News & Analysis

Electronics, photonics vie for optical-net switching

Chappell Brown

8/7/2000 3:37 PM EDT

Electronics, photonics vie for optical-net switching
SAN DIEGO — One revelation from the SPIE's 45th International Symposium on Optical Science, Engineering and Instrumentation last week is the fact that silicon-based electronics has irreversibly moved ahead of photonic computing, at least in two crucial areas of information technology: logic processing and mass data storage. However, a third pillar, interconnects, is rapidly yielding to advances in photonics technology.

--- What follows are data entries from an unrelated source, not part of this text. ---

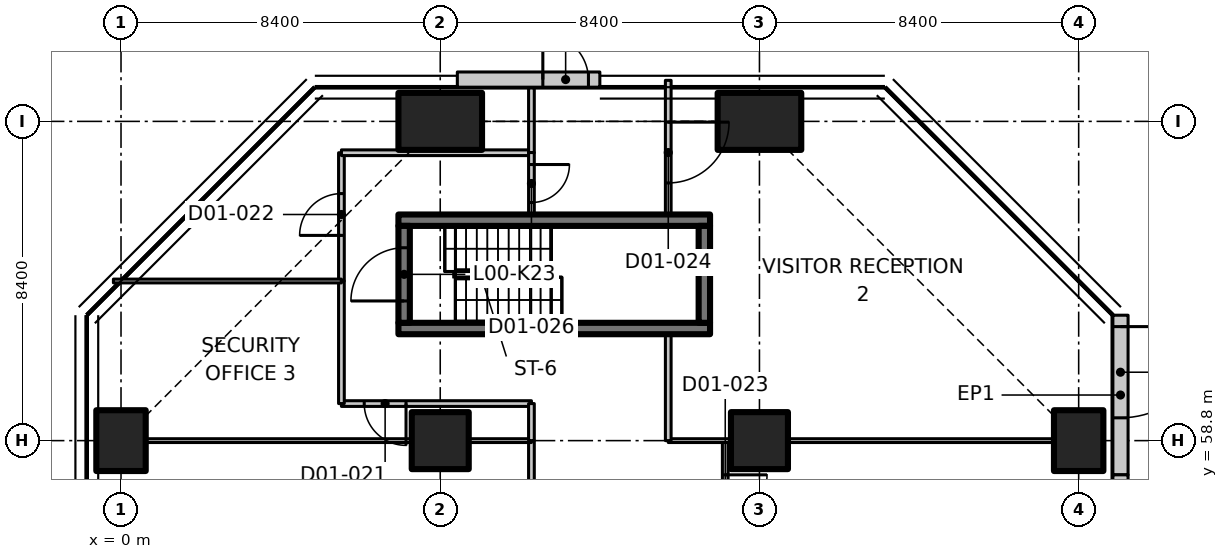
"""IFC4 building model, lengths in metres.
Left out: names, types, materials, properties, quantities, classifications, styles, units other than length and angle.
Written with IfcOpenShell. Run it as: python <this file> out.ifc"""

import sys

from ifc_helpers import new_model, si_unit, direction, frame, frame_2d, origin, origin_2d, place, context, subcontext, project, spatial, polyline, rectangle, outline, extrude, element, fill, save


model = new_model("IFC4")
c1 = context("Model", 3, precision=1e-05, world=origin(), true_north=direction((0.0, 1.0)))
c2 = subcontext(c1, "Body", "Model", "MODEL_VIEW")
j1 = project(units=[si_unit("LENGTHUNIT", "METRE"), si_unit("PLANEANGLEUNIT", "RADIAN")], contexts=[c1])
p1 = place(None, origin())
s1 = spatial("IfcSite", under=j1, at=p1, CompositionType="ELEMENT")
p2 = place(p1, origin())
s2 = spatial("IfcBuilding", under=s1, at=p2, CompositionType="ELEMENT")
p3 = place(p2, origin())
s3 = spatial("IfcBuildingStorey", under=s2, at=p3, CompositionType="ELEMENT", Elevation=0.0)
p4 = place(p3, frame((0.0, 58.8, 0.0), z_axis=(0.0, 0.0, 1.0), x_axis=(1.0, 0.0, 0.0)))
e1 = element("IfcColumn", 1, at=p4, inside=s3, PredefinedType="COLUMN", context=c2, shape_type="SweptSolid", body=[
    extrude(rectangle(XDim=1.3, YDim=1.6, at=origin_2d()), origin(), (0.0, 0.0, 1.0), 6.75),
])
p5 = place(p3, frame((8.4, 58.8, 0.0), z_axis=(0.0, 0.0, 1.0), x_axis=(1.0, 0.0, 0.0)))
e2 = element("IfcColumn", 2, at=p5, inside=s3, PredefinedType="COLUMN", context=c2, shape_type="SweptSolid", body=[
    extrude(rectangle(XDim=1.5, YDim=1.5, at=origin_2d()), origin(), (0.0, 0.0, 1.0), 6.75),
])
p6 = place(p3, frame((8.4, 67.2, 0.0), z_axis=(0.0, 0.0, 1.0), x_axis=(0.0, 1.0, 0.0)))
e3 = element("IfcColumn", 3, at=p6, inside=s3, PredefinedType="COLUMN", context=c2, shape_type="SweptSolid", body=[
    extrude(rectangle(XDim=1.5, YDim=2.2, at=origin_2d()), origin(), (0.0, 0.0, 1.0), 6.75),
])
p7 = place(p3, frame((16.8, 58.8, 0.0), z_axis=(0.0, 0.0, 1.0), x_axis=(1.0, 0.0, 0.0)))
e4 = element("IfcColumn", 4, at=p7, inside=s3, PredefinedType="COLUMN", context=c2, shape_type="SweptSolid", body=[
    extrude(rectangle(XDim=1.5, YDim=1.5, at=origin_2d()), origin(), (0.0, 0.0, 1.0), 6.75),
])
p8 = place(p3, frame((16.8, 67.2, 0.0), z_axis=(0.0, 0.0, 1.0), x_axis=(0.0, 1.0, 0.0)))
e5 = element("IfcColumn", 5, at=p8, inside=s3, PredefinedType="COLUMN", context=c2, shape_type="SweptSolid", body=[
    extrude(rectangle(XDim=1.5, YDim=2.2, at=origin_2d()), origin(), (0.0, 0.0, 1.0), 6.75),
])
p9 = place(p3, frame((25.2, 58.8, 0.0), z_axis=(0.0, 0.0, 1.0), x_axis=(1.0, 0.0, 0.0)))
e6 = element("IfcColumn", 6, at=p9, inside=s3, PredefinedType="COLUMN", context=c2, shape_type="SweptSolid", body=[
    extrude(rectangle(XDim=1.3, YDim=1.6, at=origin_2d()), origin(), (0.0, 0.0, 1.0), 6.75),
])
p10 = place(p3, frame((26.3, 62.1, 0.0), z_axis=(0.0, 0.0, 1.0), x_axis=(0.0, -1.0, 0.0)))
e7 = element("IfcWall", 7, at=p10, inside=s3, PredefinedType="SOLIDWALL", context=c2, shape_type="SweptSolid", body=[
    extrude(rectangle(XDim=4.2, YDim=0.4, at=frame_2d((2.1, 0.0))), origin(), (0.0, 0.0, 1.0), 6.75),
])
p11 = place(p10, frame((0.3, 0.0, 0.0)))
e8 = element("IfcOpeningElement", 8, at=p11, cuts=e7, PredefinedType="OPENING", context=c2, shape_type="SweptSolid", body=[
    extrude(rectangle(XDim=2.4, YDim=2.7, at=frame_2d((1.2, 1.35))), frame((0.0, 0.21, 0.0), z_axis=(0.0, -1.0, 0.0), x_axis=(1.0, 0.0, 0.0)), (0.0, 0.0, 1.0), 0.42),
])
p12 = place(p3, frame((26.3, 57.9, 0.0), z_axis=(0.0, 0.0, 1.0), x_axis=(0.0, -1.0, 0.0)))
e9 = element("IfcWall", 9, at=p12, inside=s3, PredefinedType="SOLIDWALL", context=c2, shape_type="SweptSolid", body=[
    extrude(rectangle(XDim=4.2, YDim=0.4, at=frame_2d((2.1, 0.0))), origin(), (0.0, 0.0, 1.0), 6.75),
])
p13 = place(p12, frame((2.7, 0.0, 0.0)))
e10 = element("IfcOpeningElement", 10, at=p13, cuts=e9, PredefinedType="OPENING", context=c2, shape_type="SweptSolid", body=[
    extrude(rectangle(XDim=1.2, YDim=2.4, at=frame_2d((0.6, 1.2))), frame((0.0, 0.21, 0.0), z_axis=(0.0, -1.0, 0.0), x_axis=(1.0, 0.0, 0.0)), (0.0, 0.0, 1.0), 0.42),
])
p14 = place(p3, frame((8.85, 68.3, 0.0), z_axis=(0.0, 0.0, 1.0), x_axis=(1.0, 0.0, 0.0)))
e11 = element("IfcWall", 11, at=p14, inside=s3, PredefinedType="SOLIDWALL", context=c2, shape_type="SweptSolid", body=[
    extrude(rectangle(XDim=3.75, YDim=0.4, at=frame_2d((1.875, 0.0))), origin(), (0.0, 0.0, 1.0), 6.75),
])
p15 = place(p14, frame((2.25, 0.0, 0.0)))
e12 = element("IfcOpeningElement", 12, at=p15, cuts=e11, PredefinedType="OPENING", context=c2, shape_type="SweptSolid", body=[
    extrude(rectangle(XDim=1.2, YDim=2.4, at=frame_2d((0.6, 1.2))), frame((0.0, 0.21, 0.0), z_axis=(0.0, -1.0, 0.0), x_axis=(1.0, 0.0, 0.0)), (0.0, 0.0, 1.0), 0.42),
])
for number, where, z_axis, x_axis in (
    (13, (7.3, 61.75, 0.0), (0.0, 0.0, 1.0), (1.0, 0.0, 0.0)),
    (14, (7.3, 64.6, 0.0), (0.0, 0.0, 1.0), (1.0, 0.0, 0.0)),
):
    element("IfcWall", number, at=place(p3, frame(where, z_axis=z_axis, x_axis=x_axis)), inside=s3, PredefinedType="SHEAR", context=c2, shape_type="SweptSolid", body=[
        extrude(rectangle(XDim=8.2, YDim=0.3, at=frame_2d((4.1, 0.0))), origin(), (0.0, 0.0, 1.0), 6.75),
    ])
p16 = place(p3, frame((7.45, 61.9, 0.0), z_axis=(0.0, 0.0, 1.0), x_axis=(0.0, 1.0, 0.0)))
e15 = element("IfcWall", 15, at=p16, inside=s3, PredefinedType="SHEAR", context=c2, shape_type="SweptSolid", body=[
    extrude(rectangle(XDim=2.55, YDim=0.3, at=frame_2d((1.275, 0.0))), origin(), (0.0, 0.0, 1.0), 6.75),
])
p17 = place(p16, frame((0.575, 0.0, 0.0)))
e16 = element("IfcOpeningElement", 16, at=p17, cuts=e15, PredefinedType="OPENING", context=c2, shape_type="SweptSolid", body=[
    extrude(rectangle(XDim=1.4, YDim=2.1, at=frame_2d((0.7, 1.05))), frame((0.0, 0.16, 0.0), z_axis=(0.0, -1.0, 0.0), x_axis=(1.0, 0.0, 0.0)), (0.0, 0.0, 1.0), 0.32),
])
p18 = place(p3, frame((15.35, 61.9, 0.0), z_axis=(0.0, 0.0, 1.0), x_axis=(0.0, 1.0, 0.0)))
e17 = element("IfcWall", 17, at=p18, inside=s3, PredefinedType="SHEAR", context=c2, shape_type="SweptSolid", body=[
    extrude(rectangle(XDim=2.55, YDim=0.3, at=frame_2d((1.275, 0.0))), origin(), (0.0, 0.0, 1.0), 6.75),
])
p19 = place(p3, frame((10.8, 56.3, 0.0), z_axis=(0.0, 0.0, 1.0), x_axis=(0.0, 1.0, 0.0)))
e18 = element("IfcWall", 18, at=p19, inside=s3, PredefinedType="PARTITIONING", context=c2, shape_type="SweptSolid", body=[
    extrude(rectangle(XDim=2.5, YDim=0.15, at=frame_2d((1.25, 0.0))), origin(), (0.0, 0.0, 1.0), 6.73),
])
p20 = place(p3, frame((15.9, 58.8, 0.0), z_axis=(0.0, 0.0, 1.0), x_axis=(0.0, -1.0, 0.0)))
e19 = element("IfcWall", 19, at=p20, inside=s3, PredefinedType="PARTITIONING", context=c2, shape_type="SweptSolid", body=[
    extrude(rectangle(XDim=2.65, YDim=0.15, at=frame_2d((1.325, 0.0))), origin(), (0.0, 0.0, 1.0), 6.73),
])
p21 = place(p20, frame((0.9, 0.0, 0.0)))
e20 = element("IfcOpeningElement", 20, at=p21, cuts=e19, PredefinedType="OPENING", context=c2, shape_type="SweptSolid", body=[
    extrude(rectangle(XDim=1.1, YDim=2.1, at=frame_2d((0.55, 1.05))), frame((0.0, 0.085, 0.0), z_axis=(0.0, -1.0, 0.0), x_axis=(1.0, 0.0, 0.0)), (0.0, 0.0, 1.0), 0.17),
])
p22 = place(p3, frame((10.8, 59.775, 0.0), z_axis=(0.0, 0.0, 1.0), x_axis=(-1.0, 0.0, 0.0)))
e21 = element("IfcWall", 21, at=p22, inside=s3, PredefinedType="PARTITIONING", context=c2, shape_type="SweptSolid", body=[
    extrude(rectangle(XDim=5.0, YDim=0.15, at=frame_2d((2.5, 0.0))), origin(), (0.0, 0.0, 1.0), 6.73),
])
p23 = place(p22, frame((3.3, 0.0, 0.0)))
e22 = element("IfcOpeningElement", 22, at=p23, cuts=e21, PredefinedType="OPENING", context=c2, shape_type="SweptSolid", body=[
    extrude(rectangle(XDim=1.1, YDim=2.1, at=frame_2d((0.55, 1.05))), frame((0.0, 0.085, 0.0), z_axis=(0.0, -1.0, 0.0), x_axis=(1.0, 0.0, 0.0)), (0.0, 0.0, 1.0), 0.17),
])
p24 = place(p3, frame((5.8, 59.775, 0.0), z_axis=(0.0, 0.0, 1.0), x_axis=(0.0, 1.0, 0.0)))
e23 = element("IfcWall", 23, at=p24, inside=s3, PredefinedType="PARTITIONING", context=c2, shape_type="SweptSolid", body=[
    extrude(rectangle(XDim=3.225, YDim=0.15, at=frame_2d((1.613, 0.0))), origin(), (0.0, 0.0, 1.0), 6.73),
])
p25 = place(p3, frame((5.8, 63.0, 0.0), z_axis=(0.0, 0.0, 1.0), x_axis=(0.0, 1.0, 0.0)))
e24 = element("IfcWall", 24, at=p25, inside=s3, PredefinedType="PARTITIONING", context=c2, shape_type="SweptSolid", body=[
    extrude(rectangle(XDim=3.375, YDim=0.15, at=frame_2d((1.688, 0.0))), origin(), (0.0, 0.0, 1.0), 6.38),
])
p26 = place(p25, frame((1.2, 0.0, 0.0)))
e25 = element("IfcOpeningElement", 25, at=p26, cuts=e24, PredefinedType="OPENING", context=c2, shape_type="SweptSolid", body=[
    extrude(rectangle(XDim=1.1, YDim=2.1, at=frame_2d((0.55, 1.05))), frame((0.0, 0.085, 0.0), z_axis=(0.0, -1.0, 0.0), x_axis=(1.0, 0.0, 0.0)), (0.0, 0.0, 1.0), 0.17),
])
p27 = place(p3, frame((5.8, 66.375, 0.0), z_axis=(0.0, 0.0, 1.0), x_axis=(1.0, 0.0, 0.0)))
e26 = element("IfcWall", 26, at=p27, inside=s3, PredefinedType="PARTITIONING", context=c2, shape_type="SweptSolid", body=[
    extrude(outline(polyline([(0.0, 0.0), (5.0, 0.0), (5.0, 6.73), (2.466, 6.73), (2.464, 6.38), (1.086, 6.38), (1.084, 6.73), (0.0, 6.73), (0.0, 0.0)])), frame((0.0, 0.075, 0.0), z_axis=(0.0, -1.0, 0.0), x_axis=(1.0, 0.0, 0.0)), (0.0, 0.0, 1.0), 0.15),
])
p28 = place(p3, frame((10.8, 66.375, 0.0), z_axis=(0.0, 0.0, 1.0), x_axis=(0.0, 1.0, 0.0)))
e27 = element("IfcWall", 27, at=p28, inside=s3, PredefinedType="PARTITIONING", context=c2, shape_type="SweptSolid", body=[
    extrude(rectangle(XDim=1.705, YDim=0.15, at=frame_2d((0.853, 0.0))), origin(), (0.0, 0.0, 1.0), 6.38),
])
p29 = place(p3, frame((14.4, 68.28, 0.0), z_axis=(0.0, 0.0, 1.0), x_axis=(0.0, -1.0, 0.0)))
e28 = element("IfcWall", 28, at=p29, inside=s3, PredefinedType="PARTITIONING", context=c2, shape_type="SweptSolid", body=[
    extrude(rectangle(XDim=3.53, YDim=0.15, at=frame_2d((1.765, 0.0))), origin(), (0.0, 0.0, 1.0), 6.38),
])
p30 = place(p29, frame((1.1, 0.0, 0.0)))
e29 = element("IfcOpeningElement", 29, at=p30, cuts=e28, PredefinedType="OPENING", context=c2, shape_type="SweptSolid", body=[
    extrude(rectangle(XDim=1.6, YDim=2.1, at=frame_2d((0.8, 1.05))), frame((0.0, 0.085, 0.0), z_axis=(0.0, -1.0, 0.0), x_axis=(1.0, 0.0, 0.0)), (0.0, 0.0, 1.0), 0.17),
])
p31 = place(p3, frame((0.67, 58.8, 0.0), z_axis=(0.0, 0.0, 1.0), x_axis=(1.0, 0.0, 0.0)))
e30 = element("IfcWall", 30, at=p31, inside=s3, PredefinedType="PARTITIONING", context=c2, shape_type="SweptSolid", body=[
    extrude(rectangle(XDim=6.96, YDim=0.1, at=frame_2d((3.48, 0.0))), origin(), (0.0, 0.0, 1.0), 6.73),
])
p32 = place(p3, frame((9.17, 58.8, 0.0), z_axis=(0.0, 0.0, 1.0), x_axis=(1.0, 0.0, 0.0)))
e31 = element("IfcWall", 31, at=p32, inside=s3, PredefinedType="PARTITIONING", context=c2, shape_type="SweptSolid", body=[
    extrude(rectangle(XDim=1.63, YDim=0.1, at=frame_2d((0.815, 0.0))), origin(), (0.0, 0.0, 1.0), 6.73),
])
p33 = place(p3, frame((-0.2, 63.0, 0.0), z_axis=(0.0, 0.0, 1.0), x_axis=(1.0, 0.0, 0.0)))
e32 = element("IfcWall", 32, at=p33, inside=s3, PredefinedType="PARTITIONING", context=c2, shape_type="SweptSolid", body=[
    extrude(outline(polyline([(0.0, 0.0), (6.0, 0.0), (6.0, 6.73), (5.066, 6.73), (5.064, 6.38), (3.736, 6.38), (3.734, 6.73), (0.0, 6.73), (0.0, 0.0)])), frame((0.0, 0.05, 0.0), z_axis=(0.0, -1.0, 0.0), x_axis=(1.0, 0.0, 0.0)), (0.0, 0.0, 1.0), 0.1),
])
p34 = place(p3, frame((10.8, 59.775, 0.0), z_axis=(0.0, 0.0, 1.0), x_axis=(0.0, -1.0, 0.0)))
e33 = element("IfcWall", 33, at=p34, inside=s3, PredefinedType="PARTITIONING", context=c2, shape_type="SweptSolid", body=[
    extrude(rectangle(XDim=0.975, YDim=0.15, at=frame_2d((0.487, 0.0))), origin(), (0.0, 0.0, 1.0), 6.73),
])
p35 = place(p3, frame((14.4, 58.8, 0.0), z_axis=(0.0, 0.0, 1.0), x_axis=(1.0, 0.0, 0.0)))
e34 = element("IfcWall", 34, at=p35, inside=s3, PredefinedType="PARTITIONING", context=c2, shape_type="SweptSolid", body=[
    extrude(rectangle(XDim=1.63, YDim=0.1, at=frame_2d((0.815, 0.0))), origin(), (0.0, 0.0, 1.0), 6.73),
])
p36 = place(p3, frame((17.57, 58.8, 0.0), z_axis=(0.0, 0.0, 1.0), x_axis=(1.0, 0.0, 0.0)))
e35 = element("IfcWall", 35, at=p36, inside=s3, PredefinedType="PARTITIONING", context=c2, shape_type="SweptSolid", body=[
    extrude(rectangle(XDim=6.96, YDim=0.1, at=frame_2d((3.48, 0.0))), origin(), (0.0, 0.0, 1.0), 6.73),
])
p37 = place(p3, frame((14.4, 58.8, 0.0), z_axis=(0.0, 0.0, 1.0), x_axis=(0.0, 1.0, 0.0)))
e36 = element("IfcWall", 36, at=p37, inside=s3, PredefinedType="PARTITIONING", context=c2, shape_type="SweptSolid", body=[
    extrude(rectangle(XDim=2.8, YDim=0.15, at=frame_2d((1.4, 0.0))), origin(), (0.0, 0.0, 1.0), 6.73),
])
p38 = place(p3, frame((10.8, 66.38, 0.0), z_axis=(0.0, 0.0, 1.0), x_axis=(0.0, -1.0, 0.0)))
e37 = element("IfcWall", 37, at=p38, inside=s3, PredefinedType="PARTITIONING", context=c2, shape_type="SweptSolid", body=[
    extrude(rectangle(XDim=1.63, YDim=0.15, at=frame_2d((0.815, 0.0))), origin(), (0.0, 0.0, 1.0), 6.73),
])
p39 = place(p38, frame((0.315, 0.0, 0.0)))
e38 = element("IfcOpeningElement", 38, at=p39, cuts=e37, PredefinedType="OPENING", context=c2, shape_type="SweptSolid", body=[
    extrude(rectangle(XDim=1.0, YDim=2.1, at=frame_2d((0.5, 1.05))), frame((0.0, 0.085, 0.0), z_axis=(0.0, -1.0, 0.0), x_axis=(1.0, 0.0, 0.0)), (0.0, 0.0, 1.0), 0.17),
])
p40 = place(p11, origin())
e39 = element("IfcDoor", 39, at=p40, inside=s3, OperationType="DOUBLE_DOOR_SINGLE_SWING", PredefinedType="DOOR", context=c2, shape_type="SweptSolid", body=[
    extrude(rectangle(XDim=2.4, YDim=2.7, at=frame_2d((1.2, 1.35))), frame((0.0, 0.025, 0.0), z_axis=(0.0, -1.0, 0.0), x_axis=(1.0, 0.0, 0.0)), (0.0, 0.0, 1.0), 0.05),
])
fill(e8, e39)
p41 = place(p15, origin())
e40 = element("IfcDoor", 40, at=p41, inside=s3, OperationType="SINGLE_SWING_LEFT", PredefinedType="DOOR", context=c2, shape_type="SweptSolid", body=[
    extrude(rectangle(XDim=1.2, YDim=2.4, at=frame_2d((0.6, 1.2))), frame((0.0, 0.025, 0.0), z_axis=(0.0, -1.0, 0.0), x_axis=(1.0, 0.0, 0.0)), (0.0, 0.0, 1.0), 0.05),
])
fill(e12, e40)
p42 = place(p17, origin())
e41 = element("IfcDoor", 41, at=p42, inside=s3, OperationType="SINGLE_SWING_RIGHT", PredefinedType="DOOR", context=c2, shape_type="SweptSolid", body=[
    extrude(rectangle(XDim=1.4, YDim=2.1, at=frame_2d((0.7, 1.05))), frame((0.0, 0.025, 0.0), z_axis=(0.0, -1.0, 0.0), x_axis=(1.0, 0.0, 0.0)), (0.0, 0.0, 1.0), 0.05),
])
fill(e16, e41)
p43 = place(p23, origin())
e42 = element("IfcDoor", 42, at=p43, inside=s3, OperationType="SINGLE_SWING_LEFT", PredefinedType="DOOR", context=c2, shape_type="SweptSolid", body=[
    extrude(rectangle(XDim=1.1, YDim=2.1, at=frame_2d((0.55, 1.05))), frame((0.0, 0.025, 0.0), z_axis=(0.0, -1.0, 0.0), x_axis=(1.0, 0.0, 0.0)), (0.0, 0.0, 1.0), 0.05),
])
fill(e22, e42)
p44 = place(p26, origin())
e43 = element("IfcDoor", 43, at=p44, inside=s3, OperationType="SINGLE_SWING_LEFT", PredefinedType="DOOR", context=c2, shape_type="SweptSolid", body=[
    extrude(rectangle(XDim=1.1, YDim=2.1, at=frame_2d((0.55, 1.05))), frame((0.0, 0.025, 0.0), z_axis=(0.0, -1.0, 0.0), x_axis=(1.0, 0.0, 0.0)), (0.0, 0.0, 1.0), 0.05),
])
fill(e25, e43)
p45 = place(p21, origin())
e44 = element("IfcDoor", 44, at=p45, inside=s3, OperationType="SINGLE_SWING_LEFT", PredefinedType="DOOR", context=c2, shape_type="SweptSolid", body=[
    extrude(rectangle(XDim=1.1, YDim=2.1, at=frame_2d((0.55, 1.05))), frame((0.0, 0.025, 0.0), z_axis=(0.0, -1.0, 0.0), x_axis=(1.0, 0.0, 0.0)), (0.0, 0.0, 1.0), 0.05),
])
fill(e20, e44)
p46 = place(p30, origin())
e45 = element("IfcDoor", 45, at=p46, inside=s3, OperationType="DOUBLE_DOOR_SINGLE_SWING", PredefinedType="DOOR", context=c2, shape_type="SweptSolid", body=[
    extrude(rectangle(XDim=1.6, YDim=2.1, at=frame_2d((0.8, 1.05))), frame((0.0, 0.025, 0.0), z_axis=(0.0, -1.0, 0.0), x_axis=(1.0, 0.0, 0.0)), (0.0, 0.0, 1.0), 0.05),
])
fill(e29, e45)
p47 = place(p39, origin())
e46 = element("IfcDoor", 46, at=p47, inside=s3, OperationType="SINGLE_SWING_RIGHT", PredefinedType="DOOR", context=c2, shape_type="SweptSolid", body=[
    extrude(rectangle(XDim=1.0, YDim=2.1, at=frame_2d((0.5, 1.05))), frame((0.0, 0.025, 0.0), z_axis=(0.0, -1.0, 0.0), x_axis=(1.0, 0.0, 0.0)), (0.0, 0.0, 1.0), 0.05),
])
fill(e38, e46)
save(model, sys.argv[1])

In a keynote address, Peter Delfyett, an optical researcher from the University of Central Florida, made a case for teamwork between the two technologies. "Photons can coexist easily since they have no charge, but that makes them impractical in logic applications where switching functions are needed," Delfyett said.

Optical networking is moving ahead rapidly because of the ability to multiplex photonic signals onto a single fiber. For example, commercial systems have already reached the multi-terahertz level, thanks to dense wavelength-division multiplexing (DWDM), which uses all optical components. Each multiplexed channel, however, is in the gigahertz range, an area easily reached with advanced electronic devices using silicon germanium or gallium arsenide compound semiconductors.

Delfyett believes that the two frontiers — optical multiplexing and high-speed electronic circuits — will continue to advance in a balanced way so that crucial logic functions can be performed with electronic circuits.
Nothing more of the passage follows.